Satz 1.12.1.1 Jedes Polynom vom Grad n>=1 über dem Körper K=C der komplexen Zahlen besitzt mindestens eine komplexe Nullstelle.
http://www.iadm.uni-stuttgart.de/Lst...is/node59.html

Der Satz ist fuer praktische Anwendungen ungemein wichtig. Zunaechst ein einfacher Fall :
x^2-2*x+1=0 hat die Loesungen x1=1, x2=1
Man erwartet zwei Nullstellen aber diese fallen zusammen auf den Wert x=1.
Wenn man solch eine doppelte oder mehrfache Nullstelle als mehrere Nullstellen unterscheidet, dann lautet der Hauptsatz der Algebra :

Jedes Polynom vom Grad n weist (in C) n Nullstellen auf !
Und dann laesst sich jedes Polynom p(x,n) ungemein praktisch als Produkt darstellen :
p(x,n)=a*(x-x1)(x-x2)....(x-xn)
Wobei x1,x2....xn die Nullstellen sind.
Beispiel :
x^2-2*x+1=(x-1)*(x-1)

Der Satz sollte allgemein gueltig sein um ihn ohne irgendwelche Fallunterscheidungen, Einschraenkungen bequem anwenden zu koennen. Jetzt sagts du : "Hey stimmt doch alles gar nicht !"
"Schau dir mal die Funktion z^2+1=0 an ! (z=x+i*y) Die Funktion schneidet die x Achse nirgends und hat somit keine Nullstelle"

Abb1)

Yoh, tatsaechlich schneidet die Funktion die x Achse nirgends. So ein Mist. Damit wird das nix mit dem Hauptsatz. Oder doch ?
Die Nullstellen von z^+1=0 waeren Wurzel(-1) und -Wurzel(-1). Koennten wir mit diesen beiden irren Zahlen den Hauptsatz retten ? Probieren wir einfach mal aus :
(z- Wurzel(-1))*(z+ Wurzel(-1)) (dritte binomische) = z^2-(Wurzel(-1))^2
Wenn wir fuer Wurzel(-1) ein Symbol i festlegen fuer das gilt : i^2=-1, dann koenten wir unseren Produkt Nullstellensatz weiterhin anwenden.
z^2+1=(z-i)*(z+i)

Das ist super, aber wenn ich z^2+1 betrachte. Wo liegt denn dieses i ? Im Unendlichen ? oder ist es unscharf ? Es soll die x Achse schneiden. f(z)=0. Aber wo ?

EDIT:
Im weiteren betrachte ich aus Anschuungsgruenden |f(z)|=0.

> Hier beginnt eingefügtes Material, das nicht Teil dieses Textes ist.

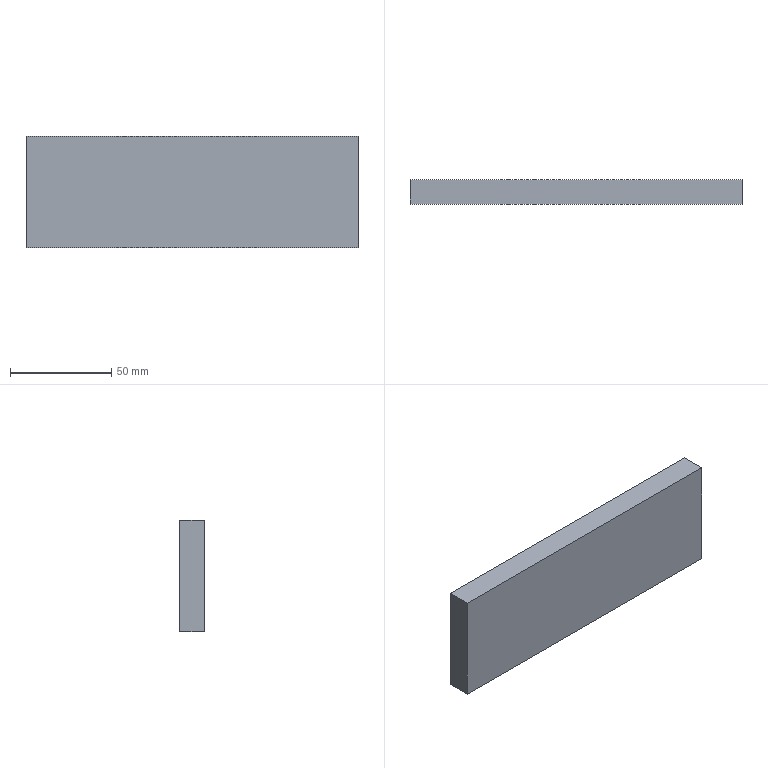Component | NX | CH3404_5-4 | 1 solid | 6 faces | box 164 x 12 x 55 mm | volume 108240 mm3 | plane 6
STEP:
#1=CARTESIAN_POINT('',(0.,0.,0.));
#2=DIRECTION('',(0.,0.,1.));
#3=DIRECTION('',(1.,0.,0.));
#4=AXIS2_PLACEMENT_3D('',#1,#2,#3);
#5=CARTESIAN_POINT('',(115.,-6.,-55.));
#6=VERTEX_POINT('',#5);
#7=CARTESIAN_POINT('',(115.,-6.,-0.));
#8=VERTEX_POINT('',#7);
#9=CARTESIAN_POINT('',(115.,-6.,-55.));
#10=DIRECTION('',(0.,0.,1.));
#11=VECTOR('',#10,1.);
#12=LINE('',#9,#11);
#13=CARTESIAN_POINT('',(115.,6.,-55.));
#14=DIRECTION('',(1.,0.,0.));
#15=DIRECTION('',(0.,0.,-1.));
#16=AXIS2_PLACEMENT_3D('',#13,#14,#15);
#17=PLANE('',#16);
#18=CARTESIAN_POINT('',(0.,-12.));
#19=DIRECTION('',(-1.,0.));
#20=VECTOR('',#19,1.);
#21=LINE('',#18,#20);
#22=(GEOMETRIC_REPRESENTATION_CONTEXT(2)PARAMETRIC_REPRESENTATION_CONTEXT()REPRESENTATION_CONTEXT('',''));
#23=DEFINITIONAL_REPRESENTATION('',(#21),#22);
#24=PCURVE('',#17,#23);
#25=CARTESIAN_POINT('',(197.,-6.,-27.5));
#26=DIRECTION('',(0.,1.,0.));
#27=DIRECTION('',(0.,0.,1.));
#28=AXIS2_PLACEMENT_3D('',#25,#26,#27);
#29=PLANE('',#28);
#30=CARTESIAN_POINT('',(-27.5,-82.));
#31=DIRECTION('',(1.,0.));
#32=VECTOR('',#31,1.);
#33=LINE('',#30,#32);
#34=(GEOMETRIC_REPRESENTATION_CONTEXT(2)PARAMETRIC_REPRESENTATION_CONTEXT()REPRESENTATION_CONTEXT('',''));
#35=DEFINITIONAL_REPRESENTATION('',(#33),#34);
#36=PCURVE('',#29,#35);
#37=SURFACE_CURVE('',#12,(#24,#36),.PCURVE_S1.);
#38=EDGE_CURVE('',#6,#8,#37,.T.);
#39=ORIENTED_EDGE('',*,*,#38,.T.);
#40=CARTESIAN_POINT('',(115.,6.,-0.));
#41=VERTEX_POINT('',#40);
#42=CARTESIAN_POINT('',(115.,6.,-0.));
#43=DIRECTION('',(0.,-1.,0.));
#44=VECTOR('',#43,1.);
#45=LINE('',#42,#44);
#46=CARTESIAN_POINT('',(-55.,0.));
#47=DIRECTION('',(0.,-1.));
#48=VECTOR('',#47,1.);
#49=LINE('',#46,#48);
#50=(GEOMETRIC_REPRESENTATION_CONTEXT(2)PARAMETRIC_REPRESENTATION_CONTEXT()REPRESENTATION_CONTEXT('',''));
#51=DEFINITIONAL_REPRESENTATION('',(#49),#50);
#52=PCURVE('',#17,#51);
#53=CARTESIAN_POINT('',(115.,6.,-0.));
#54=DIRECTION('',(0.,0.,-1.));
#55=DIRECTION('',(-1.,0.,-0.));
#56=AXIS2_PLACEMENT_3D('',#53,#54,#55);
#57=PLANE('',#56);
#58=CARTESIAN_POINT('',(0.,0.));
#59=DIRECTION('',(0.,-1.));
#60=VECTOR('',#59,1.);
#61=LINE('',#58,#60);
#62=(GEOMETRIC_REPRESENTATION_CONTEXT(2)PARAMETRIC_REPRESENTATION_CONTEXT()REPRESENTATION_CONTEXT('',''));
#63=DEFINITIONAL_REPRESENTATION('',(#61),#62);
#64=PCURVE('',#57,#63);
#65=SURFACE_CURVE('',#45,(#52,#64),.PCURVE_S1.);
#66=EDGE_CURVE('',#41,#8,#65,.T.);
#67=ORIENTED_EDGE('',*,*,#66,.F.);
#68=CARTESIAN_POINT('',(115.,6.,-55.));
#69=VERTEX_POINT('',#68);
#70=CARTESIAN_POINT('',(115.,6.,-55.));
#71=DIRECTION('',(0.,0.,1.));
#72=VECTOR('',#71,1.);
#73=LINE('',#70,#72);
#74=CARTESIAN_POINT('',(0.,0.));
#75=DIRECTION('',(-1.,0.));
#76=VECTOR('',#75,1.);
#77=LINE('',#74,#76);
#78=(GEOMETRIC_REPRESENTATION_CONTEXT(2)PARAMETRIC_REPRESENTATION_CONTEXT()REPRESENTATION_CONTEXT('',''));
#79=DEFINITIONAL_REPRESENTATION('',(#77),#78);
#80=PCURVE('',#17,#79);
#81=CARTESIAN_POINT('',(197.,6.,-27.5));
#82=DIRECTION('',(0.,1.,0.));
#83=DIRECTION('',(0.,0.,1.));
#84=AXIS2_PLACEMENT_3D('',#81,#82,#83);
#85=PLANE('',#84);
#86=CARTESIAN_POINT('',(-27.5,-82.));
#87=DIRECTION('',(1.,0.));
#88=VECTOR('',#87,1.);
#89=LINE('',#86,#88);
#90=(GEOMETRIC_REPRESENTATION_CONTEXT(2)PARAMETRIC_REPRESENTATION_CONTEXT()REPRESENTATION_CONTEXT('',''));
#91=DEFINITIONAL_REPRESENTATION('',(#89),#90);
#92=PCURVE('',#85,#91);
#93=SURFACE_CURVE('',#73,(#80,#92),.PCURVE_S1.);
#94=EDGE_CURVE('',#69,#41,#93,.T.);
#95=ORIENTED_EDGE('',*,*,#94,.F.);
#96=CARTESIAN_POINT('',(115.,6.,-55.));
#97=DIRECTION('',(0.,-1.,0.));
#98=VECTOR('',#97,1.);
#99=LINE('',#96,#98);
#100=CARTESIAN_POINT('',(0.,0.));
#101=DIRECTION('',(0.,-1.));
#102=VECTOR('',#101,1.);
#103=LINE('',#100,#102);
#104=(GEOMETRIC_REPRESENTATION_CONTEXT(2)PARAMETRIC_REPRESENTATION_CONTEXT()REPRESENTATION_CONTEXT('',''));
#105=DEFINITIONAL_REPRESENTATION('',(#103),#104);
#106=PCURVE('',#17,#105);
#107=CARTESIAN_POINT('',(279.,6.,-55.));
#108=DIRECTION('',(0.,0.,1.));
#109=DIRECTION('',(1.,0.,-0.));
#110=AXIS2_PLACEMENT_3D('',#107,#108,#109);
#111=PLANE('',#110);
#112=CARTESIAN_POINT('',(-164.,0.));
#113=DIRECTION('',(0.,-1.));
#114=VECTOR('',#113,1.);
#115=LINE('',#112,#114);
#116=(GEOMETRIC_REPRESENTATION_CONTEXT(2)PARAMETRIC_REPRESENTATION_CONTEXT()REPRESENTATION_CONTEXT('',''));
#117=DEFINITIONAL_REPRESENTATION('',(#115),#116);
#118=PCURVE('',#111,#117);
#119=SURFACE_CURVE('',#99,(#106,#118),.PCURVE_S1.);
#120=EDGE_CURVE('',#69,#6,#119,.T.);
#121=ORIENTED_EDGE('',*,*,#120,.T.);
#122=EDGE_LOOP('',(#39,#67,#95,#121));
#123=FACE_BOUND('',#122,.T.);
#124=ADVANCED_FACE('',(#123),#17,.F.);
#125=CARTESIAN_POINT('',(279.,-6.,-0.));
#126=VERTEX_POINT('',#125);
#127=CARTESIAN_POINT('',(115.,-6.,-0.));
#128=DIRECTION('',(1.,0.,0.));
#129=VECTOR('',#128,1.);
#130=LINE('',#127,#129);
#131=CARTESIAN_POINT('',(0.,-12.));
#132=DIRECTION('',(-1.,0.));
#133=VECTOR('',#132,1.);
#134=LINE('',#131,#133);
#135=(GEOMETRIC_REPRESENTATION_CONTEXT(2)PARAMETRIC_REPRESENTATION_CONTEXT()REPRESENTATION_CONTEXT('',''));
#136=DEFINITIONAL_REPRESENTATION('',(#134),#135);
#137=PCURVE('',#57,#136);
#138=CARTESIAN_POINT('',(27.5,-82.));
#139=DIRECTION('',(0.,1.));
#140=VECTOR('',#139,1.);
#141=LINE('',#138,#140);
#142=(GEOMETRIC_REPRESENTATION_CONTEXT(2)PARAMETRIC_REPRESENTATION_CONTEXT()REPRESENTATION_CONTEXT('',''));
#143=DEFINITIONAL_REPRESENTATION('',(#141),#142);
#144=PCURVE('',#29,#143);
#145=SURFACE_CURVE('',#130,(#137,#144),.PCURVE_S1.);
#146=EDGE_CURVE('',#8,#126,#145,.T.);
#147=ORIENTED_EDGE('',*,*,#146,.T.);
#148=CARTESIAN_POINT('',(279.,6.,-0.));
#149=VERTEX_POINT('',#148);
#150=CARTESIAN_POINT('',(279.,6.,-0.));
#151=DIRECTION('',(0.,-1.,0.));
#152=VECTOR('',#151,1.);
#153=LINE('',#150,#152);
#154=CARTESIAN_POINT('',(-164.,0.));
#155=DIRECTION('',(0.,-1.));
#156=VECTOR('',#155,1.);
#157=LINE('',#154,#156);
#158=(GEOMETRIC_REPRESENTATION_CONTEXT(2)PARAMETRIC_REPRESENTATION_CONTEXT()REPRESENTATION_CONTEXT('',''));
#159=DEFINITIONAL_REPRESENTATION('',(#157),#158);
#160=PCURVE('',#57,#159);
#161=CARTESIAN_POINT('',(279.,6.,-0.));
#162=DIRECTION('',(-1.,0.,0.));
#163=DIRECTION('',(0.,0.,1.));
#164=AXIS2_PLACEMENT_3D('',#161,#162,#163);
#165=PLANE('',#164);
#166=CARTESIAN_POINT('',(0.,0.));
#167=DIRECTION('',(0.,-1.));
#168=VECTOR('',#167,1.);
#169=LINE('',#166,#168);
#170=(GEOMETRIC_REPRESENTATION_CONTEXT(2)PARAMETRIC_REPRESENTATION_CONTEXT()REPRESENTATION_CONTEXT('',''));
#171=DEFINITIONAL_REPRESENTATION('',(#169),#170);
#172=PCURVE('',#165,#171);
#173=SURFACE_CURVE('',#153,(#160,#172),.PCURVE_S1.);
#174=EDGE_CURVE('',#149,#126,#173,.T.);
#175=ORIENTED_EDGE('',*,*,#174,.F.);
#176=CARTESIAN_POINT('',(115.,6.,-0.));
#177=DIRECTION('',(1.,0.,0.));
#178=VECTOR('',#177,1.);
#179=LINE('',#176,#178);
#180=CARTESIAN_POINT('',(0.,0.));
#181=DIRECTION('',(-1.,0.));
#182=VECTOR('',#181,1.);
#183=LINE('',#180,#182);
#184=(GEOMETRIC_REPRESENTATION_CONTEXT(2)PARAMETRIC_REPRESENTATION_CONTEXT()REPRESENTATION_CONTEXT('',''));
#185=DEFINITIONAL_REPRESENTATION('',(#183),#184);
#186=PCURVE('',#57,#185);
#187=CARTESIAN_POINT('',(27.5,-82.));
#188=DIRECTION('',(0.,1.));
#189=VECTOR('',#188,1.);
#190=LINE('',#187,#189);
#191=(GEOMETRIC_REPRESENTATION_CONTEXT(2)PARAMETRIC_REPRESENTATION_CONTEXT()REPRESENTATION_CONTEXT('',''));
#192=DEFINITIONAL_REPRESENTATION('',(#190),#191);
#193=PCURVE('',#85,#192);
#194=SURFACE_CURVE('',#179,(#186,#193),.PCURVE_S1.);
#195=EDGE_CURVE('',#41,#149,#194,.T.);
#196=ORIENTED_EDGE('',*,*,#195,.F.);
#197=ORIENTED_EDGE('',*,*,#66,.T.);
#198=EDGE_LOOP('',(#147,#175,#196,#197));
#199=FACE_BOUND('',#198,.T.);
#200=ADVANCED_FACE('',(#199),#57,.F.);
#201=CARTESIAN_POINT('',(279.,-6.,-55.));
#202=VERTEX_POINT('',#201);
#203=CARTESIAN_POINT('',(279.,-6.,-0.));
#204=DIRECTION('',(-0.,0.,-1.));
#205=VECTOR('',#204,1.);
#206=LINE('',#203,#205);
#207=CARTESIAN_POINT('',(0.,-12.));
#208=DIRECTION('',(-1.,0.));
#209=VECTOR('',#208,1.);
#210=LINE('',#207,#209);
#211=(GEOMETRIC_REPRESENTATION_CONTEXT(2)PARAMETRIC_REPRESENTATION_CONTEXT()REPRESENTATION_CONTEXT('',''));
#212=DEFINITIONAL_REPRESENTATION('',(#210),#211);
#213=PCURVE('',#165,#212);
#214=CARTESIAN_POINT('',(27.5,82.));
#215=DIRECTION('',(-1.,-0.));
#216=VECTOR('',#215,1.);
#217=LINE('',#214,#216);
#218=(GEOMETRIC_REPRESENTATION_CONTEXT(2)PARAMETRIC_REPRESENTATION_CONTEXT()REPRESENTATION_CONTEXT('',''));
#219=DEFINITIONAL_REPRESENTATION('',(#217),#218);
#220=PCURVE('',#29,#219);
#221=SURFACE_CURVE('',#206,(#213,#220),.PCURVE_S1.);
#222=EDGE_CURVE('',#126,#202,#221,.T.);
#223=ORIENTED_EDGE('',*,*,#222,.T.);
#224=CARTESIAN_POINT('',(279.,6.,-55.));
#225=VERTEX_POINT('',#224);
#226=CARTESIAN_POINT('',(279.,6.,-55.));
#227=DIRECTION('',(0.,-1.,0.));
#228=VECTOR('',#227,1.);
#229=LINE('',#226,#228);
#230=CARTESIAN_POINT('',(-55.,0.));
#231=DIRECTION('',(0.,-1.));
#232=VECTOR('',#231,1.);
#233=LINE('',#230,#232);
#234=(GEOMETRIC_REPRESENTATION_CONTEXT(2)PARAMETRIC_REPRESENTATION_CONTEXT()REPRESENTATION_CONTEXT('',''));
#235=DEFINITIONAL_REPRESENTATION('',(#233),#234);
#236=PCURVE('',#165,#235);
#237=CARTESIAN_POINT('',(0.,0.));
#238=DIRECTION('',(0.,-1.));
#239=VECTOR('',#238,1.);
#240=LINE('',#237,#239);
#241=(GEOMETRIC_REPRESENTATION_CONTEXT(2)PARAMETRIC_REPRESENTATION_CONTEXT()REPRESENTATION_CONTEXT('',''));
#242=DEFINITIONAL_REPRESENTATION('',(#240),#241);
#243=PCURVE('',#111,#242);
#244=SURFACE_CURVE('',#229,(#236,#243),.PCURVE_S1.);
#245=EDGE_CURVE('',#225,#202,#244,.T.);
#246=ORIENTED_EDGE('',*,*,#245,.F.);
#247=CARTESIAN_POINT('',(279.,6.,-0.));
#248=DIRECTION('',(-0.,0.,-1.));
#249=VECTOR('',#248,1.);
#250=LINE('',#247,#249);
#251=CARTESIAN_POINT('',(0.,0.));
#252=DIRECTION('',(-1.,0.));
#253=VECTOR('',#252,1.);
#254=LINE('',#251,#253);
#255=(GEOMETRIC_REPRESENTATION_CONTEXT(2)PARAMETRIC_REPRESENTATION_CONTEXT()REPRESENTATION_CONTEXT('',''));
#256=DEFINITIONAL_REPRESENTATION('',(#254),#255);
#257=PCURVE('',#165,#256);
#258=CARTESIAN_POINT('',(27.5,82.));
#259=DIRECTION('',(-1.,-0.));
#260=VECTOR('',#259,1.);
#261=LINE('',#258,#260);
#262=(GEOMETRIC_REPRESENTATION_CONTEXT(2)PARAMETRIC_REPRESENTATION_CONTEXT()REPRESENTATION_CONTEXT('',''));
#263=DEFINITIONAL_REPRESENTATION('',(#261),#262);
#264=PCURVE('',#85,#263);
#265=SURFACE_CURVE('',#250,(#257,#264),.PCURVE_S1.);
#266=EDGE_CURVE('',#149,#225,#265,.T.);
#267=ORIENTED_EDGE('',*,*,#266,.F.);
#268=ORIENTED_EDGE('',*,*,#174,.T.);
#269=EDGE_LOOP('',(#223,#246,#267,#268));
#270=FACE_BOUND('',#269,.T.);
#271=ADVANCED_FACE('',(#270),#165,.F.);
#272=CARTESIAN_POINT('',(279.,-6.,-55.));
#273=DIRECTION('',(-1.,0.,0.));
#274=VECTOR('',#273,1.);
#275=LINE('',#272,#274);
#276=CARTESIAN_POINT('',(0.,-12.));
#277=DIRECTION('',(-1.,0.));
#278=VECTOR('',#277,1.);
#279=LINE('',#276,#278);
#280=(GEOMETRIC_REPRESENTATION_CONTEXT(2)PARAMETRIC_REPRESENTATION_CONTEXT()REPRESENTATION_CONTEXT('',''));
#281=DEFINITIONAL_REPRESENTATION('',(#279),#280);
#282=PCURVE('',#111,#281);
#283=CARTESIAN_POINT('',(-27.5,82.));
#284=DIRECTION('',(0.,-1.));
#285=VECTOR('',#284,1.);
#286=LINE('',#283,#285);
#287=(GEOMETRIC_REPRESENTATION_CONTEXT(2)PARAMETRIC_REPRESENTATION_CONTEXT()REPRESENTATION_CONTEXT('',''));
#288=DEFINITIONAL_REPRESENTATION('',(#286),#287);
#289=PCURVE('',#29,#288);
#290=SURFACE_CURVE('',#275,(#282,#289),.PCURVE_S1.);
#291=EDGE_CURVE('',#202,#6,#290,.T.);
#292=ORIENTED_EDGE('',*,*,#291,.T.);
#293=ORIENTED_EDGE('',*,*,#120,.F.);
#294=CARTESIAN_POINT('',(279.,6.,-55.));
#295=DIRECTION('',(-1.,0.,0.));
#296=VECTOR('',#295,1.);
#297=LINE('',#294,#296);
#298=CARTESIAN_POINT('',(0.,0.));
#299=DIRECTION('',(-1.,0.));
#300=VECTOR('',#299,1.);
#301=LINE('',#298,#300);
#302=(GEOMETRIC_REPRESENTATION_CONTEXT(2)PARAMETRIC_REPRESENTATION_CONTEXT()REPRESENTATION_CONTEXT('',''));
#303=DEFINITIONAL_REPRESENTATION('',(#301),#302);
#304=PCURVE('',#111,#303);
#305=CARTESIAN_POINT('',(-27.5,82.));
#306=DIRECTION('',(0.,-1.));
#307=VECTOR('',#306,1.);
#308=LINE('',#305,#307);
#309=(GEOMETRIC_REPRESENTATION_CONTEXT(2)PARAMETRIC_REPRESENTATION_CONTEXT()REPRESENTATION_CONTEXT('',''));
#310=DEFINITIONAL_REPRESENTATION('',(#308),#309);
#311=PCURVE('',#85,#310);
#312=SURFACE_CURVE('',#297,(#304,#311),.PCURVE_S1.);
#313=EDGE_CURVE('',#225,#69,#312,.T.);
#314=ORIENTED_EDGE('',*,*,#313,.F.);
#315=ORIENTED_EDGE('',*,*,#245,.T.);
#316=EDGE_LOOP('',(#292,#293,#314,#315));
#317=FACE_BOUND('',#316,.T.);
#318=ADVANCED_FACE('',(#317),#111,.F.);
#319=ORIENTED_EDGE('',*,*,#94,.T.);
#320=ORIENTED_EDGE('',*,*,#195,.T.);
#321=ORIENTED_EDGE('',*,*,#266,.T.);
#322=ORIENTED_EDGE('',*,*,#313,.T.);
#323=EDGE_LOOP('',(#319,#320,#321,#322));
#324=FACE_BOUND('',#323,.T.);
#325=ADVANCED_FACE('',(#324),#85,.T.);
#326=ORIENTED_EDGE('',*,*,#38,.F.);
#327=ORIENTED_EDGE('',*,*,#291,.F.);
#328=ORIENTED_EDGE('',*,*,#222,.F.);
#329=ORIENTED_EDGE('',*,*,#146,.F.);
#330=EDGE_LOOP('',(#326,#327,#328,#329));
#331=FACE_BOUND('',#330,.T.);
#332=ADVANCED_FACE('',(#331),#29,.F.);
#333=CLOSED_SHELL('',(#124,#200,#271,#318,#325,#332));
#334=MANIFOLD_SOLID_BREP('',#333);
#335=(LENGTH_UNIT()NAMED_UNIT(*)SI_UNIT(.MILLI.,.METRE.));
#336=UNCERTAINTY_MEASURE_WITH_UNIT(LENGTH_MEASURE(0.0000001),#335,'','');
#337=(NAMED_UNIT(*)PLANE_ANGLE_UNIT()SI_UNIT($,.RADIAN.));
#338=(NAMED_UNIT(*)SI_UNIT($,.STERADIAN.)SOLID_ANGLE_UNIT());
#339=(GEOMETRIC_REPRESENTATION_CONTEXT(3)GLOBAL_UNCERTAINTY_ASSIGNED_CONTEXT((#336))GLOBAL_UNIT_ASSIGNED_CONTEXT((#335,#337,#338))REPRESENTATION_CONTEXT('',''));
#340=ADVANCED_BREP_SHAPE_REPRESENTATION('',(#4,#334),#339);

Die Nullstelle liegt direkt vor deiner Nase, blos siehst du sie nicht. Weil Abb1) nur einen Schnitt durch die komplexe Ebene darstellt. Die Im-Achse steht wie eine zusaetzliche Dimension senkrecht auf der x Achse. Das hatten wir bereits gesehen. Sie zeigt somit in die Bildebene, den Monitor hinein.
Eine z-Achse gibt es nicht, denn z ist die komplexe Ebene selbst. f(z)=0 bedeutet somit den Schnitt der Funktion mit dieser Ebene. Praktisch dem Fussboden.
Ich habe mir mal die Muehe gemacht dies 3 D darzustellen :

Abb2)


Der Rahmen zeigt was wir in Abb1) gesehen haben. Lediglich einen Schnitt Im=0 durch die Funktion. Man sieht sehr schoen die Nullstellen (Schnit1 Schnitt 2), Schnitt der Funktion mit der Ebene f(z)=0
Der Schnittpunkt z=i schwebt in Abb1 somit vor dem Monitor und der Schnittpunkt z=-1 befindet sich dahinter
Abb2) sollte zu einem AHA Erlebnis fuehren.Mit der Vorstellung von etwas "Verschmiertem" wird das nix.


Gruesse

Geändert von richy (15.06.11 um 02:23 Uhr)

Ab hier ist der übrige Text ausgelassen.